In the third place, I am concerned over the difficulties ahead as a result of the majority’s conclusion that of all the timber and grass now standing on the reserved lots the Plaintiffs own only the timber and grass which was in existence at the time the deeds were given to their predecessors in interest. A few trees may obviously be that old. Vastly more trees may obviously be young growth. In between stand trees the age of which is not so apparent and which may well be the subject of controversy. These are difficulties which would be avoided under the judgment of the Superior Court.
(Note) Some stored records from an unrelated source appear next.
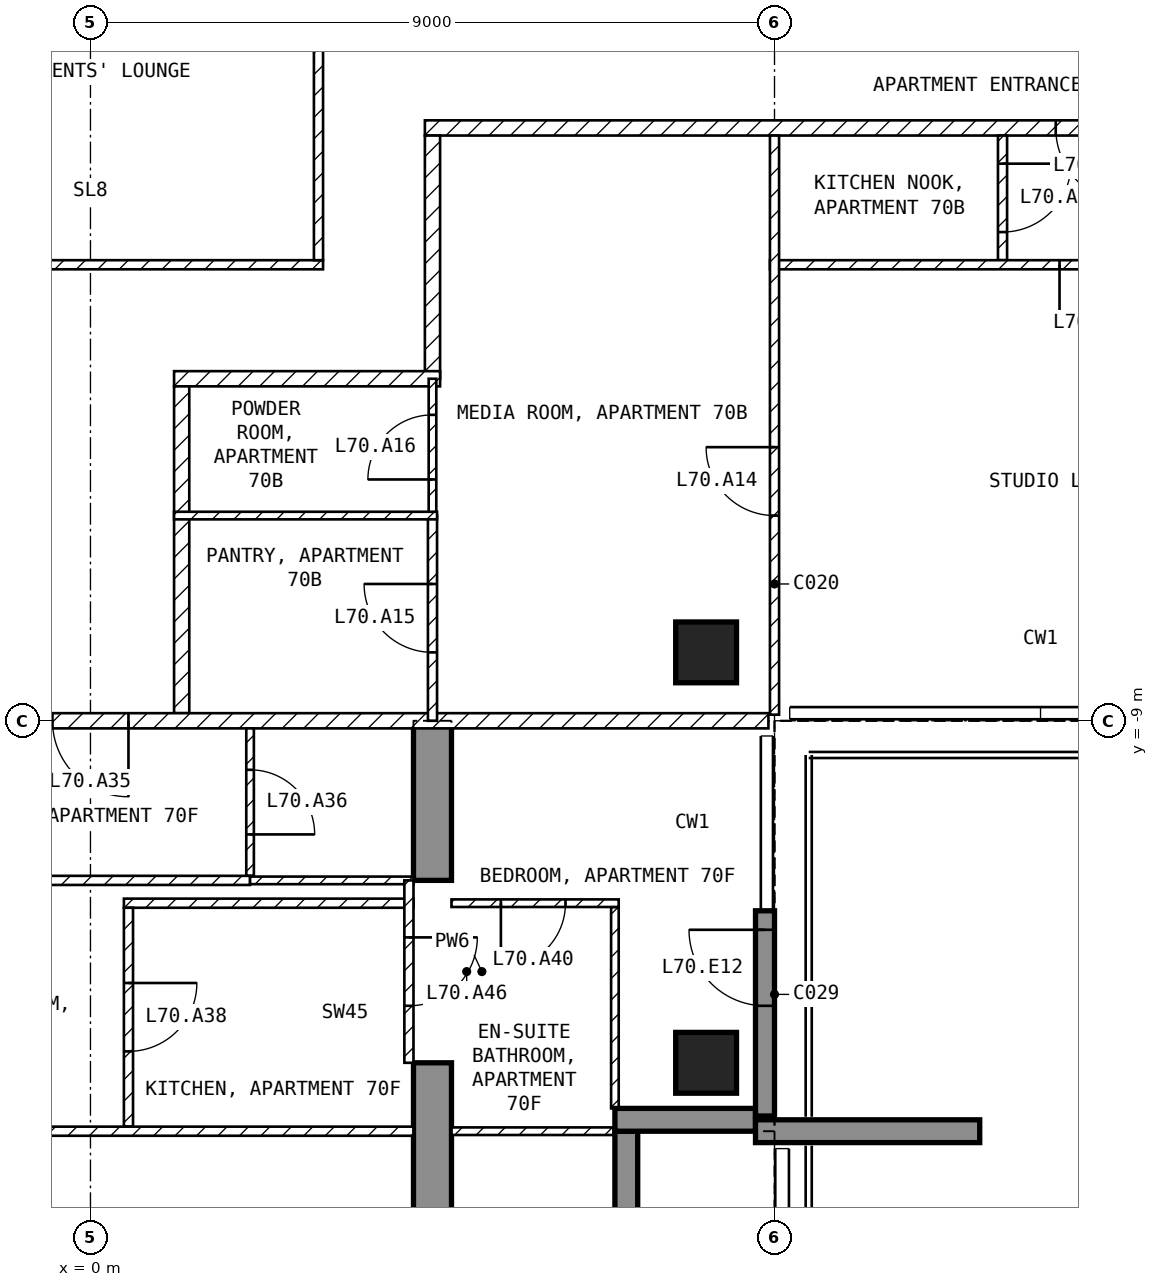
"""IFC4 building model, lengths in metres.
Left out: names, types, materials, properties, quantities, classifications, styles, units other than length and angle.
Written with IfcOpenShell. Run it as: python <this file> out.ifc"""

import sys

from ifc_helpers import new_model, si_unit, direction, frame, frame_2d, origin, origin_2d, place, context, subcontext, project, spatial, polyline, rectangle, outline, extrude, element, fill, save


model = new_model("IFC4")
c1 = context("Model", 3, precision=1e-05, world=origin(), true_north=direction((0.0, 1.0)))
c2 = subcontext(c1, "Body", "Model", "MODEL_VIEW")
j1 = project(units=[si_unit("LENGTHUNIT", "METRE"), si_unit("PLANEANGLEUNIT", "RADIAN")], contexts=[c1])
p1 = place(None, origin())
s1 = spatial("IfcSite", under=j1, at=p1, CompositionType="ELEMENT")
p2 = place(p1, origin())
s2 = spatial("IfcBuilding", under=s1, at=p2, CompositionType="ELEMENT")
p3 = place(p2, frame((0.0, 0.0, 274.5)))
s3 = spatial("IfcBuildingStorey", under=s2, at=p3, CompositionType="ELEMENT", Elevation=274.5)
for number, where, z_axis, x_axis in (
    (1, (8.1, -13.5, -0.25), (0.0, 0.0, 1.0), (1.0, 0.0, 0.0)),
    (2, (8.1, -8.1, -0.25), (0.0, 0.0, 1.0), (1.0, 0.0, 0.0)),
):
    element("IfcColumn", number, at=place(p3, frame(where, z_axis=z_axis, x_axis=x_axis)), inside=s3, PredefinedType="COLUMN", context=c2, shape_type="SweptSolid", body=[
        extrude(rectangle(XDim=0.8, YDim=0.8, at=origin_2d()), origin(), (0.0, 0.0, 1.0), 3.5),
    ])
p4 = place(p3, frame((4.25, -16.7, -0.25), z_axis=(1.0, 0.0, 0.0), x_axis=(0.0, 1.0, 0.0)))
e3 = element("IfcWall", 3, at=p4, inside=s3, PredefinedType="SHEAR", context=c2, shape_type="SweptSolid", body=[
    extrude(outline(polyline([(0.0, 0.0), (3.2, 0.0), (3.2, 2.65), (5.6, 2.65), (5.6, 0.0), (7.7, 0.0), (7.7, 3.5), (0.0, 3.5), (0.0, 0.0)])), origin(), (0.0, 0.0, 1.0), 0.5),
])
p5 = place(p3, frame((8.875, -14.2, 0.0), z_axis=(0.0, 0.0, 1.0), x_axis=(0.0, 1.0, 0.0)))
e4 = element("IfcWall", 4, at=p5, inside=s3, PredefinedType="SOLIDWALL", context=c2, shape_type="SweptSolid", body=[
    extrude(rectangle(XDim=2.7, YDim=0.25, at=frame_2d((1.35, 0.0))), origin(), (0.0, 0.0, 1.0), 3.25),
])
p6 = place(p5, frame((1.45, 0.0, 0.0)))
e5 = element("IfcOpeningElement", 5, at=p6, cuts=e4, PredefinedType="OPENING", context=c2, shape_type="SweptSolid", body=[
    extrude(rectangle(XDim=1.0, YDim=2.4, at=frame_2d((0.5, 1.2))), frame((0.0, 0.135, 0.0), z_axis=(0.0, -1.0, 0.0), x_axis=(1.0, 0.0, 0.0)), (0.0, 0.0, 1.0), 0.27),
])
p7 = place(p3, frame((7.05, -16.2, 0.0), z_axis=(0.0, 0.0, 1.0), x_axis=(0.0, 1.0, 0.0)))
e6 = element("IfcWall", 6, at=p7, inside=s3, PredefinedType="SOLIDWALL", context=c2, shape_type="SweptSolid", body=[
    extrude(rectangle(XDim=1.8, YDim=0.3, at=frame_2d((0.9, 0.0))), origin(), (0.0, 0.0, 1.0), 3.25),
])
p8 = place(p3, frame((6.9, -14.25, 0.0), z_axis=(0.0, 0.0, 1.0), x_axis=(1.0, 0.0, 0.0)))
e7 = element("IfcWall", 7, at=p8, inside=s3, PredefinedType="SOLIDWALL", context=c2, shape_type="SweptSolid", body=[
    extrude(rectangle(XDim=1.85, YDim=0.3, at=frame_2d((0.925, 0.0))), origin(), (0.0, 0.0, 1.0), 3.25),
])
p9 = place(p3, frame((8.75, -14.4, 0.0), z_axis=(0.0, 0.0, 1.0), x_axis=(1.0, 0.0, 0.0)))
e8 = element("IfcWall", 8, at=p9, inside=s3, PredefinedType="SOLIDWALL", context=c2, shape_type="SweptSolid", body=[
    extrude(rectangle(XDim=2.95, YDim=0.3, at=frame_2d((1.475, 0.0))), origin(), (0.0, 0.0, 1.0), 3.25),
])
p10 = place(p3, frame((-3.06, -3.0, 0.0), z_axis=(0.0, 0.0, 1.0), x_axis=(1.0, 0.0, 0.0)))
e9 = element("IfcWall", 9, at=p10, inside=s3, PredefinedType="PARTITIONING", context=c2, shape_type="SweptSolid", body=[
    extrude(rectangle(XDim=6.12, YDim=0.12, at=frame_2d((3.06, 0.0))), origin(), (0.0, 0.0, 1.0), 3.25),
])
p11 = place(p3, frame((3.0, -2.94, 0.0), z_axis=(0.0, 0.0, 1.0), x_axis=(0.0, 1.0, 0.0)))
e10 = element("IfcWall", 10, at=p11, inside=s3, PredefinedType="PARTITIONING", context=c2, shape_type="SweptSolid", body=[
    extrude(rectangle(XDim=5.88, YDim=0.12, at=frame_2d((2.94, 0.0))), origin(), (0.0, 0.0, 1.0), 3.25),
])
p12 = place(p3, frame((21.6, -1.2, 0.0), z_axis=(0.0, 0.0, 1.0), x_axis=(-1.0, 0.0, 0.0)))
e11 = element("IfcWall", 11, at=p12, inside=s3, PredefinedType="PARTITIONING", context=c2, shape_type="SweptSolid", body=[
    extrude(rectangle(XDim=17.2, YDim=0.2, at=frame_2d((8.6, 0.0))), origin(), (0.0, 0.0, 1.0), 3.25),
])
p13 = place(p12, frame((7.9, 0.0, 0.0)))
e12 = element("IfcOpeningElement", 12, at=p13, cuts=e11, PredefinedType="OPENING", context=c2, shape_type="SweptSolid", body=[
    extrude(rectangle(XDim=1.0, YDim=2.1, at=frame_2d((0.5, 1.05))), frame((0.0, 0.11, 0.0), z_axis=(0.0, -1.0, 0.0), x_axis=(1.0, 0.0, 0.0)), (0.0, 0.0, 1.0), 0.22),
])
p14 = place(p3, frame((4.5, -1.3, 0.0), z_axis=(0.0, 0.0, 1.0), x_axis=(0.0, -1.0, 0.0)))
e13 = element("IfcWall", 13, at=p14, inside=s3, PredefinedType="PARTITIONING", context=c2, shape_type="SweptSolid", body=[
    extrude(rectangle(XDim=3.2, YDim=0.2, at=frame_2d((1.6, 0.0))), origin(), (0.0, 0.0, 1.0), 3.25),
])
p15 = place(p3, frame((4.6, -4.5, 0.0), z_axis=(0.0, 0.0, 1.0), x_axis=(-1.0, 0.0, 0.0)))
e14 = element("IfcWall", 14, at=p15, inside=s3, PredefinedType="PARTITIONING", context=c2, shape_type="SweptSolid", body=[
    extrude(rectangle(XDim=3.5, YDim=0.2, at=frame_2d((1.75, 0.0))), origin(), (0.0, 0.0, 1.0), 3.25),
])
p16 = place(p3, frame((1.2, -4.6, 0.0), z_axis=(0.0, 0.0, 1.0), x_axis=(0.0, -1.0, 0.0)))
e15 = element("IfcWall", 15, at=p16, inside=s3, PredefinedType="PARTITIONING", context=c2, shape_type="SweptSolid", body=[
    extrude(rectangle(XDim=4.3, YDim=0.2, at=frame_2d((2.15, 0.0))), origin(), (0.0, 0.0, 1.0), 3.25),
])
p17 = place(p3, frame((8.92, -9.0, 0.0), z_axis=(0.0, 0.0, 1.0), x_axis=(-1.0, 0.0, 0.0)))
e16 = element("IfcWall", 16, at=p17, inside=s3, PredefinedType="PARTITIONING", context=c2, shape_type="SweptSolid", body=[
    extrude(rectangle(XDim=17.84, YDim=0.2, at=frame_2d((8.92, 0.0))), origin(), (0.0, 0.0, 1.0), 3.25),
])
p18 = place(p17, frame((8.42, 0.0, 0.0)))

In the fourth place, I am troubled by what almost appears to be an attempt to rewrite the history of that turbulent era in the Maine woods. Timber and meadow grass on thousands of acres were being lost to forest fires, not all of natural origin. Pillage of these reserved lots by trespassers was commonplace. The State Land Agent was selling in a competitive market because, early in this period at least, Massachusetts was still disposing of the lands in Maine which belonged to that commonwealth, and sales were being made from other large tracts, such as the Bingham purchases.4 The State was, as the Referee noted, eager to get title as far as practicable into private parties who might be able to deal more effectively with the continuing problem of trespassers. Nevertheless, the majority’s opinion implies that experienced businessmen of that period were ready to pay good money for a single crop of timber and a single crop of grass, not with a view to harvesting each crop at the optimum season, but sometime over a period of several decades.
Finally, I am disturbed by the majority’s declaring that a conveyance of cutting rights without more conveys no rights beyond the crop then in existence, and then citing one Idaho case for the proposition which the majority would make the rule of this case. M. & I. Timber Co. v. Hope Silver-Lead Mines, Inc., 91 Idaho 638, 640, 428 P.2d 955, 957 (1967). The Plaintiff in that case, however, claimed under a deed to “all that standing timber.” In the deeds being interpreted in the case at bar there was no limitation to timber standing- or to *503grass growing at the times of the several grants.
To me the broad language of the grant, set forth above, is clear and unambiguous. I would give it its plain meaning.
. At issue in that case decided some 50 years after the enactment of our 1850 statute was the right to cut timber on the reserved lots after a portion of the township had been incorporated as the town of Millinocket.
. A profit á prendre is a right by one to take a part of the soil or produce of the land of another. Beckwith v. Rossi, 157 Me. 532, 534, 175 A.2d 732, 735 (1961). It may be a personal right, and therefore held in gross, or it may be a right held as an appurtenance to other land. It is a license coupled with an easement. Restatement, Property § 399(b) (1944); 3 H. Tiffany, Real Property, § 427, et seq. (3d ed. 1939).
.See, e. g., Clap v. Draper, 4 Mass. 266 (1808); Erskine v. Plummer, 7 Me. 447, 450 (1831); R.S., 1840, ch. 3, §§ 5, 8, 41; ch. 112, § 38; P.L. 1844, ch. 123, § 19.
. See R. Wood, A History of Lumbering in Maine, 1820-1861, ch. III “The Timberlands” (1971); D. Smith, A History of Lumbering in Maine, 1861-1960, ch. 7 “Lumbering and Land Sales — 1860-1890” (1972).